I'm going to comment on #7596 soon :tm: but I just want to mention that at some point I (or someone else) will probably remove docs#ProperlyDiscontinuousSMul and replace it by docs#ProperSMul (with an extra DiscreteTopology)

Junyan Xu (Oct 21 2023 at 05:44):

You may want to consult https://mathoverflow.net/questions/360706/when-a-free-action-gives-rise-to-a-g-principal-bundle when you got to do that ...

The homotopy lifting property is now proved here but there's still some glue missing to show that covering maps are injective on fundamental group.

Junyan Xu (Oct 23 2023 at 05:58):

Okay it's a bit more convoluted than I thought but I've now shown the injectivity.

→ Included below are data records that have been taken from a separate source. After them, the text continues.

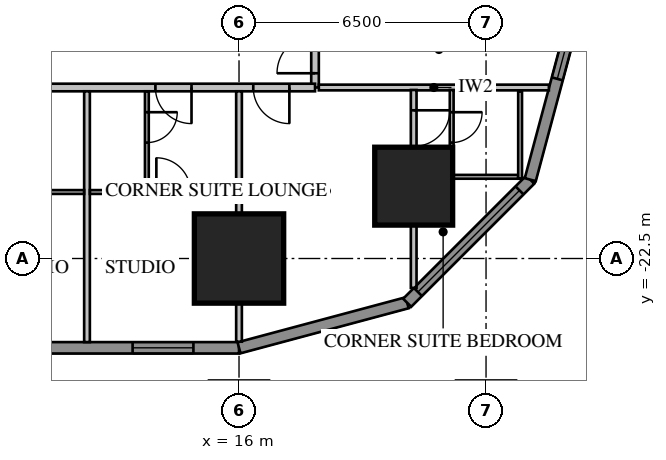
"""IFC4 building model, lengths in metres.
Left out: names, types, materials, properties, quantities, classifications, styles, units other than length and angle.
Written with IfcOpenShell. Run it as: python <this file> out.ifc"""

import sys

from ifc_helpers import new_model, si_unit, direction, frame, frame_2d, origin, origin_2d, place, context, subcontext, project, spatial, rectangle, extrude, element, fill, save


model = new_model("IFC4")
c1 = context("Model", 3, precision=1e-05, world=origin(), true_north=direction((0.0, 1.0)))
c2 = subcontext(c1, "Body", "Model", "MODEL_VIEW")
j1 = project(units=[si_unit("LENGTHUNIT", "METRE"), si_unit("PLANEANGLEUNIT", "RADIAN")], contexts=[c1])
p1 = place(None, origin())
s1 = spatial("IfcSite", under=j1, at=p1, CompositionType="ELEMENT")
p2 = place(p1, origin())
s2 = spatial("IfcBuilding", under=s1, at=p2, CompositionType="ELEMENT")
p3 = place(p2, frame((0.0, 0.0, 19.85)))
s3 = spatial("IfcBuildingStorey", under=s2, at=p3, CompositionType="ELEMENT", Elevation=19.85)
p4 = place(p3, frame((16.0, -22.5, 0.0), z_axis=(0.0, 0.0, 1.0), x_axis=(1.0, 0.0, 0.0)))
e1 = element("IfcColumn", 1, at=p4, inside=s3, PredefinedType="COLUMN", context=c2, shape_type="SweptSolid", body=[
    extrude(rectangle(XDim=2.35, YDim=2.35, at=origin_2d()), origin(), (0.0, 0.0, 1.0), 3.85),
])
p5 = place(p3, frame((20.596, -20.596, 0.0), z_axis=(0.0, 0.0, 1.0), x_axis=(1.0, 0.0, 0.0)))
e2 = element("IfcColumn", 2, at=p5, inside=s3, PredefinedType="COLUMN", context=c2, shape_type="SweptSolid", body=[
    extrude(rectangle(XDim=2.05, YDim=2.05, at=origin_2d()), origin(), (0.0, 0.0, 1.0), 3.85),
])
p6 = place(p3, frame((-16.0, -24.85, 0.0), z_axis=(0.0, 0.0, 1.0), x_axis=(1.0, 0.0, 0.0)))
e3 = element("IfcWall", 3, at=p6, inside=s3, PredefinedType="SOLIDWALL", context=c2, shape_type="SweptSolid", body=[
    extrude(rectangle(XDim=32.0, YDim=0.3, at=frame_2d((16.0, 0.0))), origin(), (0.0, 0.0, 1.0), 3.65),
])
p7 = place(p6, frame((1.2, 0.0, 0.75)))
e4 = element("IfcOpeningElement", 4, at=p7, cuts=e3, PredefinedType="OPENING", context=c2, shape_type="SweptSolid", body=[
    extrude(rectangle(XDim=1.6, YDim=1.8, at=frame_2d((0.8, 0.9))), frame((0.0, 0.17, 0.0), z_axis=(0.0, -1.0, 0.0), x_axis=(1.0, 0.0, 0.0)), (0.0, 0.0, 1.0), 0.34),
])
p8 = place(p6, frame((5.2, 0.0, 0.75)))
e5 = element("IfcOpeningElement", 5, at=p8, cuts=e3, PredefinedType="OPENING", context=c2, shape_type="SweptSolid", body=[
    extrude(rectangle(XDim=1.6, YDim=1.8, at=frame_2d((0.8, 0.9))), frame((0.0, 0.17, 0.0), z_axis=(0.0, -1.0, 0.0), x_axis=(1.0, 0.0, 0.0)), (0.0, 0.0, 1.0), 0.34),
])
p9 = place(p6, frame((17.2, 0.0, 0.75)))
e6 = element("IfcOpeningElement", 6, at=p9, cuts=e3, PredefinedType="OPENING", context=c2, shape_type="SweptSolid", body=[
    extrude(rectangle(XDim=1.6, YDim=1.8, at=frame_2d((0.8, 0.9))), frame((0.0, 0.17, 0.0), z_axis=(0.0, -1.0, 0.0), x_axis=(1.0, 0.0, 0.0)), (0.0, 0.0, 1.0), 0.34),
])
p10 = place(p6, frame((21.2, 0.0, 0.75)))
e7 = element("IfcOpeningElement", 7, at=p10, cuts=e3, PredefinedType="OPENING", context=c2, shape_type="SweptSolid", body=[
    extrude(rectangle(XDim=1.6, YDim=1.8, at=frame_2d((0.8, 0.9))), frame((0.0, 0.17, 0.0), z_axis=(0.0, -1.0, 0.0), x_axis=(1.0, 0.0, 0.0)), (0.0, 0.0, 1.0), 0.34),
])
p11 = place(p6, frame((25.2, 0.0, 0.75)))
e8 = element("IfcOpeningElement", 8, at=p11, cuts=e3, PredefinedType="OPENING", context=c2, shape_type="SweptSolid", body=[
    extrude(rectangle(XDim=1.6, YDim=1.8, at=frame_2d((0.8, 0.9))), frame((0.0, 0.17, 0.0), z_axis=(0.0, -1.0, 0.0), x_axis=(1.0, 0.0, 0.0)), (0.0, 0.0, 1.0), 0.34),
])
p12 = place(p6, frame((29.2, 0.0, 0.75)))
e9 = element("IfcOpeningElement", 9, at=p12, cuts=e3, PredefinedType="OPENING", context=c2, shape_type="SweptSolid", body=[
    extrude(rectangle(XDim=1.6, YDim=1.8, at=frame_2d((0.8, 0.9))), frame((0.0, 0.17, 0.0), z_axis=(0.0, -1.0, 0.0), x_axis=(1.0, 0.0, 0.0)), (0.0, 0.0, 1.0), 0.34),
])
p13 = place(p6, frame((8.8, 0.0, 0.75)))
e10 = element("IfcOpeningElement", 10, at=p13, cuts=e3, PredefinedType="OPENING", context=c2, shape_type="SweptSolid", body=[
    extrude(rectangle(XDim=2.4, YDim=1.8, at=frame_2d((1.2, 0.9))), frame((0.0, 0.17, 0.0), z_axis=(0.0, -1.0, 0.0), x_axis=(1.0, 0.0, 0.0)), (0.0, 0.0, 1.0), 0.34),
])
p14 = place(p6, frame((13.812, 0.0, 0.0)))
e11 = element("IfcOpeningElement", 11, at=p14, cuts=e3, PredefinedType="OPENING", context=c2, shape_type="SweptSolid", body=[
    extrude(rectangle(XDim=1.0, YDim=2.4, at=frame_2d((0.5, 1.2))), frame((0.0, 0.17, 0.0), z_axis=(0.0, -1.0, 0.0), x_axis=(1.0, 0.0, 0.0)), (0.0, 0.0, 1.0), 0.34),
])
p15 = place(p3, frame((16.0, -24.85, 0.0), z_axis=(0.0, 0.0, 1.0), x_axis=(0.965920218567, 0.258839972501, 0.0)))
e12 = element("IfcWall", 12, at=p15, inside=s3, PredefinedType="SOLIDWALL", context=c2, shape_type="SweptSolid", body=[
    extrude(rectangle(XDim=4.581, YDim=0.3, at=frame_2d((2.291, 0.0))), origin(), (0.0, 0.0, 1.0), 3.65),
])
p16 = place(p3, frame((20.425, -23.664, 0.0), z_axis=(0.0, 0.0, 1.0), x_axis=(0.707106781187, 0.707106781187, 0.0)))
e13 = element("IfcWall", 13, at=p16, inside=s3, PredefinedType="SOLIDWALL", context=c2, shape_type="SweptSolid", body=[
    extrude(rectangle(XDim=4.581, YDim=0.3, at=frame_2d((2.291, 0.0))), origin(), (0.0, 0.0, 1.0), 3.65),
])
p17 = place(p16, frame((0.4, 0.0, 0.75)))
e14 = element("IfcOpeningElement", 14, at=p17, cuts=e13, PredefinedType="OPENING", context=c2, shape_type="SweptSolid", body=[
    extrude(rectangle(XDim=3.781, YDim=1.8, at=frame_2d((1.891, 0.9))), frame((0.0, 0.17, 0.0), z_axis=(0.0, -1.0, 0.0), x_axis=(1.0, 0.0, 0.0)), (0.0, 0.0, 1.0), 0.34),
])
p18 = place(p3, frame((23.664, -20.425, 0.0), z_axis=(0.0, 0.0, 1.0), x_axis=(0.258839972501, 0.965920218567, 0.0)))
e15 = element("IfcWall", 15, at=p18, inside=s3, PredefinedType="SOLIDWALL", context=c2, shape_type="SweptSolid", body=[
    extrude(rectangle(XDim=4.581, YDim=0.3, at=frame_2d((2.291, 0.0))), origin(), (0.0, 0.0, 1.0), 3.65),
])
p19 = place(p18, frame((2.746, 0.0, 0.75)))
e16 = element("IfcOpeningElement", 16, at=p19, cuts=e15, PredefinedType="OPENING", context=c2, shape_type="SweptSolid", body=[
    extrude(rectangle(XDim=1.6, YDim=1.8, at=frame_2d((0.8, 0.9))), frame((0.0, 0.17, 0.0), z_axis=(0.0, -1.0, 0.0), x_axis=(1.0, 0.0, 0.0)), (0.0, 0.0, 1.0), 0.34),
])
p20 = place(p3, frame((18.0, -18.0, 0.0), z_axis=(0.0, 0.0, 1.0), x_axis=(0.0, 1.0, 0.0)))
e17 = element("IfcWall", 17, at=p20, inside=s3, PredefinedType="PARTITIONING", context=c2, shape_type="SweptSolid", body=[
    extrude(rectangle(XDim=36.0, YDim=0.2, at=frame_2d((18.0, 0.0))), origin(), (0.0, 0.0, 1.0), 3.65),
])
p21 = place(p20, frame((10.4, 0.0, 0.0)))
e18 = element("IfcOpeningElement", 18, at=p21, cuts=e17, PredefinedType="OPENING", context=c2, shape_type="SweptSolid", body=[
    extrude(rectangle(XDim=1.0, YDim=2.1, at=frame_2d((0.5, 1.05))), frame((0.0, 0.12, 0.0), z_axis=(0.0, -1.0, 0.0), x_axis=(1.0, 0.0, 0.0)), (0.0, 0.0, 1.0), 0.24),
])
p22 = place(p20, frame((0.375, 0.0, 0.0)))
e19 = element("IfcOpeningElement", 19, at=p22, cuts=e17, PredefinedType="OPENING", context=c2, shape_type="SweptSolid", body=[
    extrude(rectangle(XDim=1.0, YDim=2.1, at=frame_2d((0.5, 1.05))), frame((0.0, 0.12, 0.0), z_axis=(0.0, -1.0, 0.0), x_axis=(1.0, 0.0, 0.0)), (0.0, 0.0, 1.0), 0.24),
])
p23 = place(p20, frame((34.375, 0.0, 0.0)))
e20 = element("IfcOpeningElement", 20, at=p23, cuts=e17, PredefinedType="OPENING", context=c2, shape_type="SweptSolid", body=[
    extrude(rectangle(XDim=0.95, YDim=2.1, at=frame_2d((0.475, 1.05))), frame((0.0, 0.12, 0.0), z_axis=(0.0, -1.0, 0.0), x_axis=(1.0, 0.0, 0.0)), (0.0, 0.0, 1.0), 0.24),
])
p24 = place(p3, frame((18.1, -18.0, 0.0), z_axis=(0.0, 0.0, 1.0), x_axis=(1.0, 0.0, 0.0)))
e21 = element("IfcWall", 21, at=p24, inside=s3, PredefinedType="PARTITIONING", context=c2, shape_type="SweptSolid", body=[
    extrude(rectangle(XDim=6.053, YDim=0.15, at=frame_2d((3.027, 0.0))), origin(), (0.0, 0.0, 1.0), 3.65),
])
p25 = place(p3, frame((-18.0, -18.0, 0.0), z_axis=(0.0, 0.0, 1.0), x_axis=(1.0, 0.0, 0.0)))
e22 = element("IfcWall", 22, at=p25, inside=s3, PredefinedType="PARTITIONING", context=c2, shape_type="SweptSolid", body=[
    extrude(rectangle(XDim=36.0, YDim=0.2, at=frame_2d((18.0, 0.0))), origin(), (0.0, 0.0, 1.0), 3.65),
])
p26 = place(p25, frame((0.375, 0.0, 0.0)))
e23 = element("IfcOpeningElement", 23, at=p26, cuts=e22, PredefinedType="OPENING", context=c2, shape_type="SweptSolid", body=[
    extrude(rectangle(XDim=1.0, YDim=2.1, at=frame_2d((0.5, 1.05))), frame((0.0, 0.12, 0.0), z_axis=(0.0, -1.0, 0.0), x_axis=(1.0, 0.0, 0.0)), (0.0, 0.0, 1.0), 0.24),
])
p27 = place(p25, frame((2.45, 0.0, 0.0)))
e24 = element("IfcOpeningElement", 24, at=p27, cuts=e22, PredefinedType="OPENING", context=c2, shape_type="SweptSolid", body=[
    extrude(rectangle(XDim=0.8, YDim=2.1, at=frame_2d((0.4, 1.05))), frame((0.0, 0.12, 0.0), z_axis=(0.0, -1.0, 0.0), x_axis=(1.0, 0.0, 0.0)), (0.0, 0.0, 1.0), 0.24),
])
p28 = place(p25, frame((4.05, 0.0, 0.0)))
e25 = element("IfcOpeningElement", 25, at=p28, cuts=e22, PredefinedType="OPENING", context=c2, shape_type="SweptSolid", body=[
    extrude(rectangle(XDim=1.0, YDim=2.1, at=frame_2d((0.5, 1.05))), frame((0.0, 0.12, 0.0), z_axis=(0.0, -1.0, 0.0), x_axis=(1.0, 0.0, 0.0)), (0.0, 0.0, 1.0), 0.24),
])
p29 = place(p25, frame((6.45, 0.0, 0.0)))
e26 = element("IfcOpeningElement", 26, at=p29, cuts=e22, PredefinedType="OPENING", context=c2, shape_type="SweptSolid", body=[
    extrude(rectangle(XDim=0.9, YDim=2.1, at=frame_2d((0.45, 1.05))), frame((0.0, 0.12, 0.0), z_axis=(0.0, -1.0, 0.0), x_axis=(1.0, 0.0, 0.0)), (0.0, 0.0, 1.0), 0.24),
])
p30 = place(p25, frame((8.15, 0.0, 0.0)))
e27 = element("IfcOpeningElement", 27, at=p30, cuts=e22, PredefinedType="OPENING", context=c2, shape_type="SweptSolid", body=[
    extrude(rectangle(XDim=1.0, YDim=2.1, at=frame_2d((0.5, 1.05))), frame((0.0, 0.12, 0.0), z_axis=(0.0, -1.0, 0.0), x_axis=(1.0, 0.0, 0.0)), (0.0, 0.0, 1.0), 0.24),
])
p31 = place(p25, frame((19.8, 0.0, 0.0)))
e28 = element("IfcOpeningElement", 28, at=p31, cuts=e22, PredefinedType="OPENING", context=c2, shape_type="SweptSolid", body=[
    extrude(rectangle(XDim=0.95, YDim=2.1, at=frame_2d((0.475, 1.05))), frame((0.0, 0.12, 0.0), z_axis=(0.0, -1.0, 0.0), x_axis=(1.0, 0.0, 0.0)), (0.0, 0.0, 1.0), 0.24),
])
p32 = place(p25, frame((23.8, 0.0, 0.0)))
e29 = element("IfcOpeningElement", 29, at=p32, cuts=e22, PredefinedType="OPENING", context=c2, shape_type="SweptSolid", body=[
    extrude(rectangle(XDim=0.95, YDim=2.1, at=frame_2d((0.475, 1.05))), frame((0.0, 0.12, 0.0), z_axis=(0.0, -1.0, 0.0), x_axis=(1.0, 0.0, 0.0)), (0.0, 0.0, 1.0), 0.24),
])
p33 = place(p25, frame((27.8, 0.0, 0.0)))
e30 = element("IfcOpeningElement", 30, at=p33, cuts=e22, PredefinedType="OPENING", context=c2, shape_type="SweptSolid", body=[
    extrude(rectangle(XDim=0.95, YDim=2.1, at=frame_2d((0.475, 1.05))), frame((0.0, 0.12, 0.0), z_axis=(0.0, -1.0, 0.0), x_axis=(1.0, 0.0, 0.0)), (0.0, 0.0, 1.0), 0.24),
])
p34 = place(p25, frame((31.8, 0.0, 0.0)))
e31 = element("IfcOpeningElement", 31, at=p34, cuts=e22, PredefinedType="OPENING", context=c2, shape_type="SweptSolid", body=[
    extrude(rectangle(XDim=0.95, YDim=2.1, at=frame_2d((0.475, 1.05))), frame((0.0, 0.12, 0.0), z_axis=(0.0, -1.0, 0.0), x_axis=(1.0, 0.0, 0.0)), (0.0, 0.0, 1.0), 0.24),
])
p35 = place(p25, frame((34.375, 0.0, 0.0)))
e32 = element("IfcOpeningElement", 32, at=p35, cuts=e22, PredefinedType="OPENING", context=c2, shape_type="SweptSolid", body=[
    extrude(rectangle(XDim=0.95, YDim=2.1, at=frame_2d((0.475, 1.05))), frame((0.0, 0.12, 0.0), z_axis=(0.0, -1.0, 0.0), x_axis=(1.0, 0.0, 0.0)), (0.0, 0.0, 1.0), 0.24),
])
p36 = place(p25, frame((11.2, 0.0, 0.0)))
e33 = element("IfcOpeningElement", 33, at=p36, cuts=e22, PredefinedType="OPENING", context=c2, shape_type="SweptSolid", body=[
    extrude(rectangle(XDim=1.0, YDim=2.1, at=frame_2d((0.5, 1.05))), frame((0.0, 0.12, 0.0), z_axis=(0.0, -1.0, 0.0), x_axis=(1.0, 0.0, 0.0)), (0.0, 0.0, 1.0), 0.24),
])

Mathlib doesn't yet have a def for the MonoidHom between fundamental groups induced by a continuous map, but there is the (universe non-polymorphic) docs#FundamentalGroupoid.fundamentalGroupoidFunctor. I think I'll extract the functor between groupoids from that and define the MonoidHom using docs#CategoryTheory.Functor.mapEnd, since I think it's indispensable to work with groups rather than groupoids to develop further theory.

liftPath can be used to define the winding number, and liftPath_apply_one_eq_of_homotopicRel shows it's independent of the homotopy class (rel endpoints) of the path.

I think I'll build on #7596 and develop some theory for Galois coverings next, and compute the fundamental group of circle. In the meantime, #7848 simplifies the definition of HomotopyRel.

Junyan Xu (Oct 25 2023 at 03:58):

The separated map PR #7911 is ready for review! A revelation is that locally injectivity is exactly the dual notion of separatedness (just replace all "closed" by "open"), so I built some API around Pullback to treat both unify the treatment of both.

I've now also created a project.

Vincent Beffara (Oct 25 2023 at 12:11):

Your project is not public :-(

Notification Bot (Oct 26 2023 at 13:14):

15 messages were moved from this topic to #mathlib4 > github projects by Johan Commelin.